An autonomous AI system called XBOW has outperformed human researchers to become the top-ranked security tester in the US on HackerOne, a bug bounty platform used by major organizations to strengthen their cybersecurity.
This is a milestone in the use of AI for ethical security research, not simply because it performed well, but because it’s the first documented instance of an autonomous system outperforming human experts on a large scale in a real-world environment.
XBOW was developed to function as an independent penetration tester, capable of identifying, validating, and reporting vulnerabilities in real-world systems. In a span of a few months, XBOW submitted over 1,000 vulnerability reports, leapfrogging thousands of human ethical hackers to land at the top of the US leaderboard.
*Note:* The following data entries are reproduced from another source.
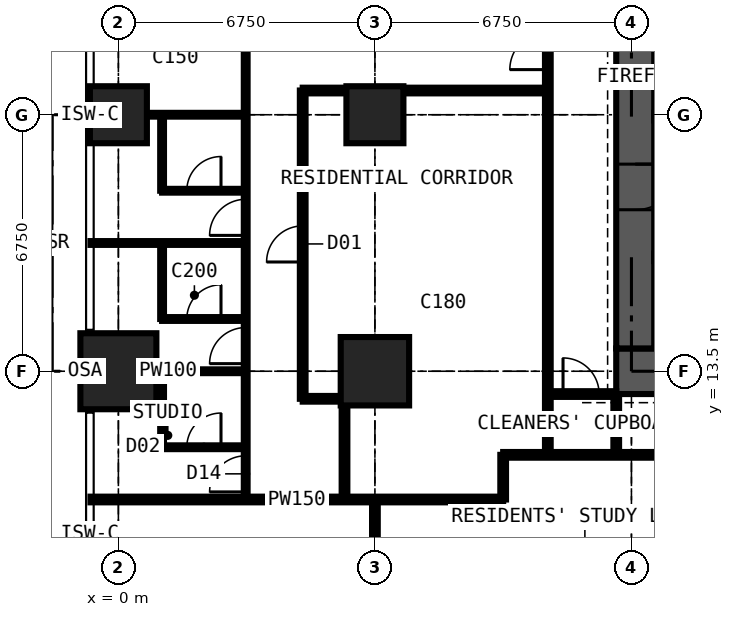
"""IFC4 building model, lengths in metres.
Left out: names, types, materials, properties, quantities, classifications, styles, units other than length and angle.
Written with IfcOpenShell. Run it as: python <this file> out.ifc"""

import sys

from ifc_helpers import new_model, si_unit, direction, frame, frame_2d, origin, origin_2d, place, context, subcontext, project, spatial, rectangle, extrude, element, fill, save


model = new_model("IFC4")
c1 = context("Model", 3, precision=1e-05, world=origin(), true_north=direction((0.0, 1.0)))
c2 = subcontext(c1, "Body", "Model", "MODEL_VIEW")
j1 = project(units=[si_unit("LENGTHUNIT", "METRE"), si_unit("PLANEANGLEUNIT", "RADIAN")], contexts=[c1])
p1 = place(None, origin())
s1 = spatial("IfcSite", under=j1, at=p1, CompositionType="ELEMENT")
p2 = place(p1, origin())
s2 = spatial("IfcBuilding", under=s1, at=p2, CompositionType="ELEMENT")
p3 = place(p2, frame((0.0, 0.0, 145.8)))
s3 = spatial("IfcBuildingStorey", under=s2, at=p3, CompositionType="ELEMENT", Elevation=145.8)
p4 = place(p3, frame((0.0, 13.5, 0.0), z_axis=(0.0, 0.0, 1.0), x_axis=(1.0, 0.0, 0.0)))
e1 = element("IfcColumn", 1, at=p4, inside=s3, PredefinedType="COLUMN", context=c2, shape_type="SweptSolid", body=[
    extrude(rectangle(XDim=2.0, YDim=2.0, at=origin_2d()), origin(), (0.0, 0.0, 1.0), 3.6),
])
p5 = place(p3, frame((0.0, 20.25, 0.0), z_axis=(0.0, 0.0, 1.0), x_axis=(1.0, 0.0, 0.0)))
e2 = element("IfcColumn", 2, at=p5, inside=s3, PredefinedType="COLUMN", context=c2, shape_type="SweptSolid", body=[
    extrude(rectangle(XDim=1.5, YDim=1.5, at=origin_2d()), origin(), (0.0, 0.0, 1.0), 3.6),
])
p6 = place(p3, frame((6.75, 13.5, 0.0), z_axis=(0.0, 0.0, 1.0), x_axis=(1.0, 0.0, 0.0)))
e3 = element("IfcColumn", 3, at=p6, inside=s3, PredefinedType="COLUMN", context=c2, shape_type="SweptSolid", body=[
    extrude(rectangle(XDim=1.8, YDim=1.8, at=origin_2d()), origin(), (0.0, 0.0, 1.0), 3.6),
])
p7 = place(p3, frame((6.75, 20.25, 0.0), z_axis=(0.0, 0.0, 1.0), x_axis=(1.0, 0.0, 0.0)))
e4 = element("IfcColumn", 4, at=p7, inside=s3, PredefinedType="COLUMN", context=c2, shape_type="SweptSolid", body=[
    extrude(rectangle(XDim=1.5, YDim=1.5, at=origin_2d()), origin(), (0.0, 0.0, 1.0), 3.6),
])
p8 = place(p3, frame((13.1, 13.5, 0.0), z_axis=(0.0, 0.0, 1.0), x_axis=(1.0, 0.0, 0.0)))
e5 = element("IfcWall", 5, at=p8, inside=s3, PredefinedType="SHEAR", context=c2, shape_type="SweptSolid", body=[
    extrude(rectangle(XDim=14.3, YDim=1.2, at=frame_2d((7.15, 0.0))), origin(), (0.0, 0.0, 1.0), 3.6),
])
p9 = place(p3, frame((13.6, 26.4, 0.0), z_axis=(0.0, 0.0, 1.0), x_axis=(0.0, -1.0, 0.0)))
e6 = element("IfcWall", 6, at=p9, inside=s3, PredefinedType="SHEAR", context=c2, shape_type="SweptSolid", body=[
    extrude(rectangle(XDim=12.3, YDim=1.0, at=frame_2d((6.15, 0.0))), origin(), (0.0, 0.0, 1.0), 3.6),
])
p10 = place(p9, frame((7.45, 0.0, 0.0)))
e7 = element("IfcOpeningElement", 7, at=p10, cuts=e6, PredefinedType="OPENING", context=c2, shape_type="SweptSolid", body=[
    extrude(rectangle(XDim=1.2, YDim=2.2, at=frame_2d((0.6, 1.1))), frame((0.0, 0.51, 0.0), z_axis=(0.0, -1.0, 0.0), x_axis=(1.0, 0.0, 0.0)), (0.0, 0.0, 1.0), 1.02),
])
p11 = place(p3, frame((-0.734, 10.125, 0.0), z_axis=(0.0, 0.0, 1.0), x_axis=(1.0, 0.0, 0.0)))
e8 = element("IfcWall", 8, at=p11, inside=s3, PredefinedType="PARTITIONING", context=c2, shape_type="SweptSolid", body=[
    extrude(rectangle(XDim=10.859, YDim=0.15, at=frame_2d((5.429, 0.0))), origin(), (0.0, 0.0, 1.0), 3.375),
])
p12 = place(p3, frame((-0.734, 13.5, 0.0), z_axis=(0.0, 0.0, 1.0), x_axis=(1.0, 0.0, 0.0)))
e9 = element("IfcWall", 9, at=p12, inside=s3, PredefinedType="PARTITIONING", context=c2, shape_type="SweptSolid", body=[
    extrude(rectangle(XDim=4.084, YDim=0.1, at=frame_2d((2.042, 0.0))), origin(), (0.0, 0.0, 1.0), 2.61),
])
p13 = place(p3, frame((-0.734, 16.875, 0.0), z_axis=(0.0, 0.0, 1.0), x_axis=(1.0, 0.0, 0.0)))
e10 = element("IfcWall", 10, at=p13, inside=s3, PredefinedType="PARTITIONING", context=c2, shape_type="SweptSolid", body=[
    extrude(rectangle(XDim=4.084, YDim=0.1, at=frame_2d((2.042, 0.0))), origin(), (0.0, 0.0, 1.0), 3.375),
])
p14 = place(p3, frame((-0.734, 20.25, 0.0), z_axis=(0.0, 0.0, 1.0), x_axis=(1.0, 0.0, 0.0)))
e11 = element("IfcWall", 11, at=p14, inside=s3, PredefinedType="PARTITIONING", context=c2, shape_type="SweptSolid", body=[
    extrude(rectangle(XDim=4.084, YDim=0.1, at=frame_2d((2.042, 0.0))), origin(), (0.0, 0.0, 1.0), 2.61),
])
p15 = place(p3, frame((1.15, 11.5, 0.0), z_axis=(0.0, 0.0, 1.0), x_axis=(0.0, 1.0, 0.0)))
e12 = element("IfcWall", 12, at=p15, inside=s3, PredefinedType="PARTITIONING", context=c2, shape_type="SweptSolid", body=[
    extrude(rectangle(XDim=2.0, YDim=0.1, at=frame_2d((1.0, 0.0))), origin(), (0.0, 0.0, 1.0), 3.375),
])
p16 = place(p3, frame((1.15, 11.5, 0.0), z_axis=(0.0, 0.0, 1.0), x_axis=(1.0, 0.0, 0.0)))
e13 = element("IfcWall", 13, at=p16, inside=s3, PredefinedType="PARTITIONING", context=c2, shape_type="SweptSolid", body=[
    extrude(rectangle(XDim=2.2, YDim=0.1, at=frame_2d((1.1, 0.0))), origin(), (0.0, 0.0, 1.0), 3.375),
])
p17 = place(p16, frame((0.65, 0.0, 0.0)))
e14 = element("IfcOpeningElement", 14, at=p17, cuts=e13, PredefinedType="OPENING", context=c2, shape_type="SweptSolid", body=[
    extrude(rectangle(XDim=0.9, YDim=2.2, at=frame_2d((0.45, 1.1))), frame((0.0, 0.06, 0.0), z_axis=(0.0, -1.0, 0.0), x_axis=(1.0, 0.0, 0.0)), (0.0, 0.0, 1.0), 0.12),
])
p18 = place(p3, frame((1.15, 14.875, 0.0), z_axis=(0.0, 0.0, 1.0), x_axis=(0.0, 1.0, 0.0)))
e15 = element("IfcWall", 15, at=p18, inside=s3, PredefinedType="PARTITIONING", context=c2, shape_type="SweptSolid", body=[
    extrude(rectangle(XDim=2.0, YDim=0.1, at=frame_2d((1.0, 0.0))), origin(), (0.0, 0.0, 1.0), 3.375),
])
p19 = place(p3, frame((1.15, 14.875, 0.0), z_axis=(0.0, 0.0, 1.0), x_axis=(1.0, 0.0, 0.0)))
e16 = element("IfcWall", 16, at=p19, inside=s3, PredefinedType="PARTITIONING", context=c2, shape_type="SweptSolid", body=[
    extrude(rectangle(XDim=2.2, YDim=0.1, at=frame_2d((1.1, 0.0))), origin(), (0.0, 0.0, 1.0), 3.375),
])
p20 = place(p19, frame((0.65, 0.0, 0.0)))
e17 = element("IfcOpeningElement", 17, at=p20, cuts=e16, PredefinedType="OPENING", context=c2, shape_type="SweptSolid", body=[
    extrude(rectangle(XDim=0.9, YDim=2.2, at=frame_2d((0.45, 1.1))), frame((0.0, 0.06, 0.0), z_axis=(0.0, -1.0, 0.0), x_axis=(1.0, 0.0, 0.0)), (0.0, 0.0, 1.0), 0.12),
])
p21 = place(p3, frame((1.15, 18.25, 0.0), z_axis=(0.0, 0.0, 1.0), x_axis=(0.0, 1.0, 0.0)))
e18 = element("IfcWall", 18, at=p21, inside=s3, PredefinedType="PARTITIONING", context=c2, shape_type="SweptSolid", body=[
    extrude(rectangle(XDim=2.0, YDim=0.1, at=frame_2d((1.0, 0.0))), origin(), (0.0, 0.0, 1.0), 3.375),
])
p22 = place(p3, frame((1.15, 18.25, 0.0), z_axis=(0.0, 0.0, 1.0), x_axis=(1.0, 0.0, 0.0)))
e19 = element("IfcWall", 19, at=p22, inside=s3, PredefinedType="PARTITIONING", context=c2, shape_type="SweptSolid", body=[
    extrude(rectangle(XDim=2.2, YDim=0.1, at=frame_2d((1.1, 0.0))), origin(), (0.0, 0.0, 1.0), 3.375),
])
p23 = place(p22, frame((0.65, 0.0, 0.0)))
e20 = element("IfcOpeningElement", 20, at=p23, cuts=e19, PredefinedType="OPENING", context=c2, shape_type="SweptSolid", body=[
    extrude(rectangle(XDim=0.9, YDim=2.2, at=frame_2d((0.45, 1.1))), frame((0.0, 0.06, 0.0), z_axis=(0.0, -1.0, 0.0), x_axis=(1.0, 0.0, 0.0)), (0.0, 0.0, 1.0), 0.12),
])
p24 = place(p3, frame((3.35, 10.125, 0.0), z_axis=(0.0, 0.0, 1.0), x_axis=(0.0, 1.0, 0.0)))
e21 = element("IfcWall", 21, at=p24, inside=s3, PredefinedType="PARTITIONING", context=c2, shape_type="SweptSolid", body=[
    extrude(rectangle(XDim=16.875, YDim=0.1, at=frame_2d((8.438, 0.0))), origin(), (0.0, 0.0, 1.0), 3.375),
])
p25 = place(p24, frame((0.2, 0.0, 0.0)))
e22 = element("IfcOpeningElement", 22, at=p25, cuts=e21, PredefinedType="OPENING", context=c2, shape_type="SweptSolid", body=[
    extrude(rectangle(XDim=0.95, YDim=2.2, at=frame_2d((0.475, 1.1))), frame((0.0, 0.06, 0.0), z_axis=(0.0, -1.0, 0.0), x_axis=(1.0, 0.0, 0.0)), (0.0, 0.0, 1.0), 0.12),
])
p26 = place(p24, frame((3.575, 0.0, 0.0)))
e23 = element("IfcOpeningElement", 23, at=p26, cuts=e21, PredefinedType="OPENING", context=c2, shape_type="SweptSolid", body=[
    extrude(rectangle(XDim=0.95, YDim=2.2, at=frame_2d((0.475, 1.1))), frame((0.0, 0.06, 0.0), z_axis=(0.0, -1.0, 0.0), x_axis=(1.0, 0.0, 0.0)), (0.0, 0.0, 1.0), 0.12),
])
p27 = place(p24, frame((6.95, 0.0, 0.0)))
e24 = element("IfcOpeningElement", 24, at=p27, cuts=e21, PredefinedType="OPENING", context=c2, shape_type="SweptSolid", body=[
    extrude(rectangle(XDim=0.95, YDim=2.2, at=frame_2d((0.475, 1.1))), frame((0.0, 0.06, 0.0), z_axis=(0.0, -1.0, 0.0), x_axis=(1.0, 0.0, 0.0)), (0.0, 0.0, 1.0), 0.12),
])
p28 = place(p3, frame((4.85, 12.775, 0.0), z_axis=(0.0, 0.0, 1.0), x_axis=(0.0, 1.0, 0.0)))
e25 = element("IfcWall", 25, at=p28, inside=s3, PredefinedType="PARTITIONING", context=c2, shape_type="SweptSolid", body=[
    extrude(rectangle(XDim=8.113, YDim=0.15, at=frame_2d((4.056, 0.0))), origin(), (0.0, 0.0, 1.0), 3.375),
])
p29 = place(p28, frame((3.6, 0.0, 0.0)))
e26 = element("IfcOpeningElement", 26, at=p29, cuts=e25, PredefinedType="OPENING", context=c2, shape_type="SweptSolid", body=[
    extrude(rectangle(XDim=0.95, YDim=2.2, at=frame_2d((0.475, 1.1))), frame((0.0, 0.085, 0.0), z_axis=(0.0, -1.0, 0.0), x_axis=(1.0, 0.0, 0.0)), (0.0, 0.0, 1.0), 0.17),
])
p30 = place(p3, frame((4.85, 12.775, 0.0), z_axis=(0.0, 0.0, 1.0), x_axis=(1.0, 0.0, 0.0)))
e27 = element("IfcWall", 27, at=p30, inside=s3, PredefinedType="PARTITIONING", context=c2, shape_type="SweptSolid", body=[
    extrude(rectangle(XDim=1.1, YDim=0.15, at=frame_2d((0.55, 0.0))), origin(), (0.0, 0.0, 1.0), 3.375),
])
p31 = place(p3, frame((4.85, 20.887, 0.0), z_axis=(0.0, 0.0, 1.0), x_axis=(1.0, 0.0, 0.0)))
e28 = element("IfcWall", 28, at=p31, inside=s3, PredefinedType="PARTITIONING", context=c2, shape_type="SweptSolid", body=[
    extrude(rectangle(XDim=6.45, YDim=0.15, at=frame_2d((3.225, 0.0))), origin(), (0.0, 0.0, 1.0), 3.375),
])
p32 = place(p3, frame((5.95, 10.125, 0.0), z_axis=(0.0, 0.0, 1.0), x_axis=(0.0, 1.0, 0.0)))
e29 = element("IfcWall", 29, at=p32, inside=s3, PredefinedType="PARTITIONING", context=c2, shape_type="SweptSolid", body=[
    extrude(rectangle(XDim=2.65, YDim=0.15, at=frame_2d((1.325, 0.0))), origin(), (0.0, 0.0, 1.0), 3.375),
])
p33 = place(p3, frame((6.75, 3.35, 0.0), z_axis=(0.0, 0.0, 1.0), x_axis=(0.0, 1.0, 0.0)))
e30 = element("IfcWall", 30, at=p33, inside=s3, PredefinedType="PARTITIONING", context=c2, shape_type="SweptSolid", body=[
    extrude(rectangle(XDim=6.775, YDim=0.15, at=frame_2d((3.387, 0.0))), origin(), (0.0, 0.0, 1.0), 2.877),
])
p34 = place(p3, frame((10.125, 10.125, 0.0), z_axis=(0.0, 0.0, 1.0), x_axis=(0.0, 1.0, 0.0)))
e31 = element("IfcWall", 31, at=p34, inside=s3, PredefinedType="PARTITIONING", context=c2, shape_type="SweptSolid", body=[
    extrude(rectangle(XDim=1.175, YDim=0.15, at=frame_2d((0.587, 0.0))), origin(), (0.0, 0.0, 1.0), 3.375),
])
p35 = place(p3, frame((10.125, 11.3, 0.0), z_axis=(0.0, 0.0, 1.0), x_axis=(1.0, 0.0, 0.0)))
e32 = element("IfcWall", 32, at=p35, inside=s3, PredefinedType="PARTITIONING", context=c2, shape_type="SweptSolid", body=[
    extrude(rectangle(XDim=20.25, YDim=0.15, at=frame_2d((10.125, 0.0))), origin(), (0.0, 0.0, 1.0), 3.375),
])
p36 = place(p35, frame((8.375, 0.0, 0.0)))
e33 = element("IfcOpeningElement", 33, at=p36, cuts=e32, PredefinedType="OPENING", context=c2, shape_type="SweptSolid", body=[
    extrude(rectangle(XDim=1.0, YDim=2.2, at=frame_2d((0.5, 1.1))), frame((0.0, 0.085, 0.0), z_axis=(0.0, -1.0, 0.0), x_axis=(1.0, 0.0, 0.0)), (0.0, 0.0, 1.0), 0.17),
])
p37 = place(p35, frame((10.975, 0.0, 0.0)))
e34 = element("IfcOpeningElement", 34, at=p37, cuts=e32, PredefinedType="OPENING", context=c2, shape_type="SweptSolid", body=[
    extrude(rectangle(XDim=1.0, YDim=2.2, at=frame_2d((0.5, 1.1))), frame((0.0, 0.085, 0.0), z_axis=(0.0, -1.0, 0.0), x_axis=(1.0, 0.0, 0.0)), (0.0, 0.0, 1.0), 0.17),
])
p38 = place(p35, frame((4.875, 0.0, 0.0)))
e35 = element("IfcOpeningElement", 35, at=p38, cuts=e32, PredefinedType="OPENING", context=c2, shape_type="SweptSolid", body=[
    extrude(rectangle(XDim=0.95, YDim=2.2, at=frame_2d((0.475, 1.1))), frame((0.0, 0.085, 0.0), z_axis=(0.0, -1.0, 0.0), x_axis=(1.0, 0.0, 0.0)), (0.0, 0.0, 1.0), 0.17),
])
p39 = place(p3, frame((11.3, 11.3, 0.0), z_axis=(0.0, 0.0, 1.0), x_axis=(0.0, 1.0, 0.0)))
e36 = element("IfcWall", 36, at=p39, inside=s3, PredefinedType="PARTITIONING", context=c2, shape_type="SweptSolid", body=[
    extrude(rectangle(XDim=19.3, YDim=0.15, at=frame_2d((9.65, 0.0))), origin(), (0.0, 0.0, 1.0), 3.375),
])
p40 = place(p39, frame((18.1, 0.0, 0.0)))
e37 = element("IfcOpeningElement", 37, at=p40, cuts=e36, PredefinedType="OPENING", context=c2, shape_type="SweptSolid", body=[
    extrude(rectangle(XDim=1.0, YDim=2.2, at=frame_2d((0.5, 1.1))), frame((0.0, 0.085, 0.0), z_axis=(0.0, -1.0, 0.0), x_axis=(1.0, 0.0, 0.0)), (0.0, 0.0, 1.0), 0.17),
])
p41 = place(p39, frame((10.137, 0.0, 0.0)))
e38 = element("IfcOpeningElement", 38, at=p41, cuts=e36, PredefinedType="OPENING", context=c2, shape_type="SweptSolid", body=[
    extrude(rectangle(XDim=1.0, YDim=2.2, at=frame_2d((0.5, 1.1))), frame((0.0, 0.085, 0.0), z_axis=(0.0, -1.0, 0.0), x_axis=(1.0, 0.0, 0.0)), (0.0, 0.0, 1.0), 0.17),
])
p42 = place(p3, frame((11.3, 12.9, 0.0), z_axis=(0.0, 0.0, 1.0), x_axis=(1.0, 0.0, 0.0)))
e39 = element("IfcWall", 39, at=p42, inside=s3, PredefinedType="PARTITIONING", context=c2, shape_type="SweptSolid", body=[
    extrude(rectangle(XDim=1.8, YDim=0.15, at=frame_2d((0.9, 0.0))), origin(), (0.0, 0.0, 1.0), 2.806),
])
p43 = place(p42, frame((0.4, 0.0, 0.0)))
e40 = element("IfcOpeningElement", 40, at=p43, cuts=e39, PredefinedType="OPENING", context=c2, shape_type="SweptSolid", body=[
    extrude(rectangle(XDim=0.95, YDim=2.2, at=frame_2d((0.475, 1.1))), frame((0.0, 0.085, 0.0), z_axis=(0.0, -1.0, 0.0), x_axis=(1.0, 0.0, 0.0)), (0.0, 0.0, 1.0), 0.17),
])
p44 = place(p3, frame((13.1, 11.3, 0.0), z_axis=(0.0, 0.0, 1.0), x_axis=(0.0, 1.0, 0.0)))
e41 = element("IfcWall", 41, at=p44, inside=s3, PredefinedType="PARTITIONING", context=c2, shape_type="SweptSolid", body=[
    extrude(rectangle(XDim=1.6, YDim=0.15, at=frame_2d((0.8, 0.0))), origin(), (0.0, 0.0, 1.0), 3.375),
])
p45 = place(p10, origin())
e42 = element("IfcDoor", 42, at=p45, inside=s3, OperationType="DOUBLE_DOOR_SINGLE_SWING", PredefinedType="DOOR", context=c2, shape_type="SweptSolid", body=[
    extrude(rectangle(XDim=1.2, YDim=2.2, at=frame_2d((0.6, 1.1))), frame((0.0, 0.025, 0.0), z_axis=(0.0, -1.0, 0.0), x_axis=(1.0, 0.0, 0.0)), (0.0, 0.0, 1.0), 0.05),
])
fill(e7, e42)
p46 = place(p43, origin())
e43 = element("IfcDoor", 43, at=p46, inside=s3, OperationType="SINGLE_SWING_LEFT", PredefinedType="DOOR", context=c2, shape_type="SweptSolid", body=[
    extrude(rectangle(XDim=0.95, YDim=2.2, at=frame_2d((0.475, 1.1))), frame((0.0, 0.025, 0.0), z_axis=(0.0, -1.0, 0.0), x_axis=(1.0, 0.0, 0.0)), (0.0, 0.0, 1.0), 0.05),
])
fill(e40, e43)
p47 = place(p25, origin())
e44 = element("IfcDoor", 44, at=p47, inside=s3, OperationType="SINGLE_SWING_LEFT", PredefinedType="DOOR", context=c2, shape_type="SweptSolid", body=[
    extrude(rectangle(XDim=0.95, YDim=2.2, at=frame_2d((0.475, 1.1))), frame((0.0, 0.025, 0.0), z_axis=(0.0, -1.0, 0.0), x_axis=(1.0, 0.0, 0.0)), (0.0, 0.0, 1.0), 0.05),
])
fill(e22, e44)
p48 = place(p17, origin())
e45 = element("IfcDoor", 45, at=p48, inside=s3, OperationType="SINGLE_SWING_RIGHT", PredefinedType="DOOR", context=c2, shape_type="SweptSolid", body=[
    extrude(rectangle(XDim=0.9, YDim=2.2, at=frame_2d((0.45, 1.1))), frame((0.0, 0.025, 0.0), z_axis=(0.0, -1.0, 0.0), x_axis=(1.0, 0.0, 0.0)), (0.0, 0.0, 1.0), 0.05),
])
fill(e14, e45)
p49 = place(p26, origin())
e46 = element("IfcDoor", 46, at=p49, inside=s3, OperationType="SINGLE_SWING_LEFT", PredefinedType="DOOR", context=c2, shape_type="SweptSolid", body=[
    extrude(rectangle(XDim=0.95, YDim=2.2, at=frame_2d((0.475, 1.1))), frame((0.0, 0.025, 0.0), z_axis=(0.0, -1.0, 0.0), x_axis=(1.0, 0.0, 0.0)), (0.0, 0.0, 1.0), 0.05),
])
fill(e23, e46)
p50 = place(p20, origin())
e47 = element("IfcDoor", 47, at=p50, inside=s3, OperationType="SINGLE_SWING_RIGHT", PredefinedType="DOOR", context=c2, shape_type="SweptSolid", body=[
    extrude(rectangle(XDim=0.9, YDim=2.2, at=frame_2d((0.45, 1.1))), frame((0.0, 0.025, 0.0), z_axis=(0.0, -1.0, 0.0), x_axis=(1.0, 0.0, 0.0)), (0.0, 0.0, 1.0), 0.05),
])
fill(e17, e47)
p51 = place(p27, origin())
e48 = element("IfcDoor", 48, at=p51, inside=s3, OperationType="SINGLE_SWING_LEFT", PredefinedType="DOOR", context=c2, shape_type="SweptSolid", body=[
    extrude(rectangle(XDim=0.95, YDim=2.2, at=frame_2d((0.475, 1.1))), frame((0.0, 0.025, 0.0), z_axis=(0.0, -1.0, 0.0), x_axis=(1.0, 0.0, 0.0)), (0.0, 0.0, 1.0), 0.05),
])
fill(e24, e48)
p52 = place(p23, origin())
e49 = element("IfcDoor", 49, at=p52, inside=s3, OperationType="SINGLE_SWING_RIGHT", PredefinedType="DOOR", context=c2, shape_type="SweptSolid", body=[
    extrude(rectangle(XDim=0.9, YDim=2.2, at=frame_2d((0.45, 1.1))), frame((0.0, 0.025, 0.0), z_axis=(0.0, -1.0, 0.0), x_axis=(1.0, 0.0, 0.0)), (0.0, 0.0, 1.0), 0.05),
])
fill(e20, e49)
p53 = place(p41, origin())
e50 = element("IfcDoor", 50, at=p53, inside=s3, OperationType="SINGLE_SWING_LEFT", PredefinedType="DOOR", context=c2, shape_type="SweptSolid", body=[
    extrude(rectangle(XDim=1.0, YDim=2.2, at=frame_2d((0.5, 1.1))), frame((0.0, 0.025, 0.0), z_axis=(0.0, -1.0, 0.0), x_axis=(1.0, 0.0, 0.0)), (0.0, 0.0, 1.0), 0.05),
])
fill(e38, e50)
p54 = place(p29, origin())
e51 = element("IfcDoor", 51, at=p54, inside=s3, OperationType="SINGLE_SWING_LEFT", PredefinedType="DOOR", context=c2, shape_type="SweptSolid", body=[
    extrude(rectangle(XDim=0.95, YDim=2.2, at=frame_2d((0.475, 1.1))), frame((0.0, 0.025, 0.0), z_axis=(0.0, -1.0, 0.0), x_axis=(1.0, 0.0, 0.0)), (0.0, 0.0, 1.0), 0.05),
])
fill(e26, e51)
save(model, sys.argv[1])

“All findings were fully automated,” wrote Nico Waisman, XBOW head of security, in a blog post about its top ranking. However, he noted that human staff conducted reviews prior to submission to comply with HackerOne’s current policies governing AI tool usage.
How accurate is the AI tool?
Despite common concerns that AI tools often produce false positives in security testing, XBOW’s accuracy has impressed security professionals. According to internal metrics:
- 132 vulnerabilities were confirmed and resolved by program owners.
- 303 vulnerabilities were “triaged,” which means acknowledged but not yet resolved.
- 125 vulnerabilities remain under review.
- 208 vulnerabilities reports were marked as duplicates.
- 209 vulnerabilities were labeled as informative.
- 36 vulnerabilities were considered applicable.
In terms of severity over the past three months, XBOW’s reports included:
- 54 critical vulnerabilities
- 242 high vulnerabilities
- 524 medium vulnerabilities
- 65 low vulnerabilities
These figures suggest the AI’s findings are not only rapid but also impactful.
How does XBOW work?
XBOW’s training began with solving Capture The Flag (CTF) challenges, a common method in cybersecurity education, before moving on to testing environments that simulate real-world conditions.
To ensure quality, the system uses a “validator” layer. These are automated checkers — sometimes powered by language models, other times by custom scripts — that verify whether a vulnerability truly exists.
“We treated [XBOW] like any external researcher would: no shortcuts, no internal knowledge — just XBOW, running on its own,” said Waisman. The company plans to release a series of blog posts detailing some of the AI’s most creative discoveries, offering a transparent look into how it works and what it found.
XBOW has just raised $75 million in a new funding round led by Altimeter Capital, with participation from Sequoia Capital and NFDG, according to Bloomberg.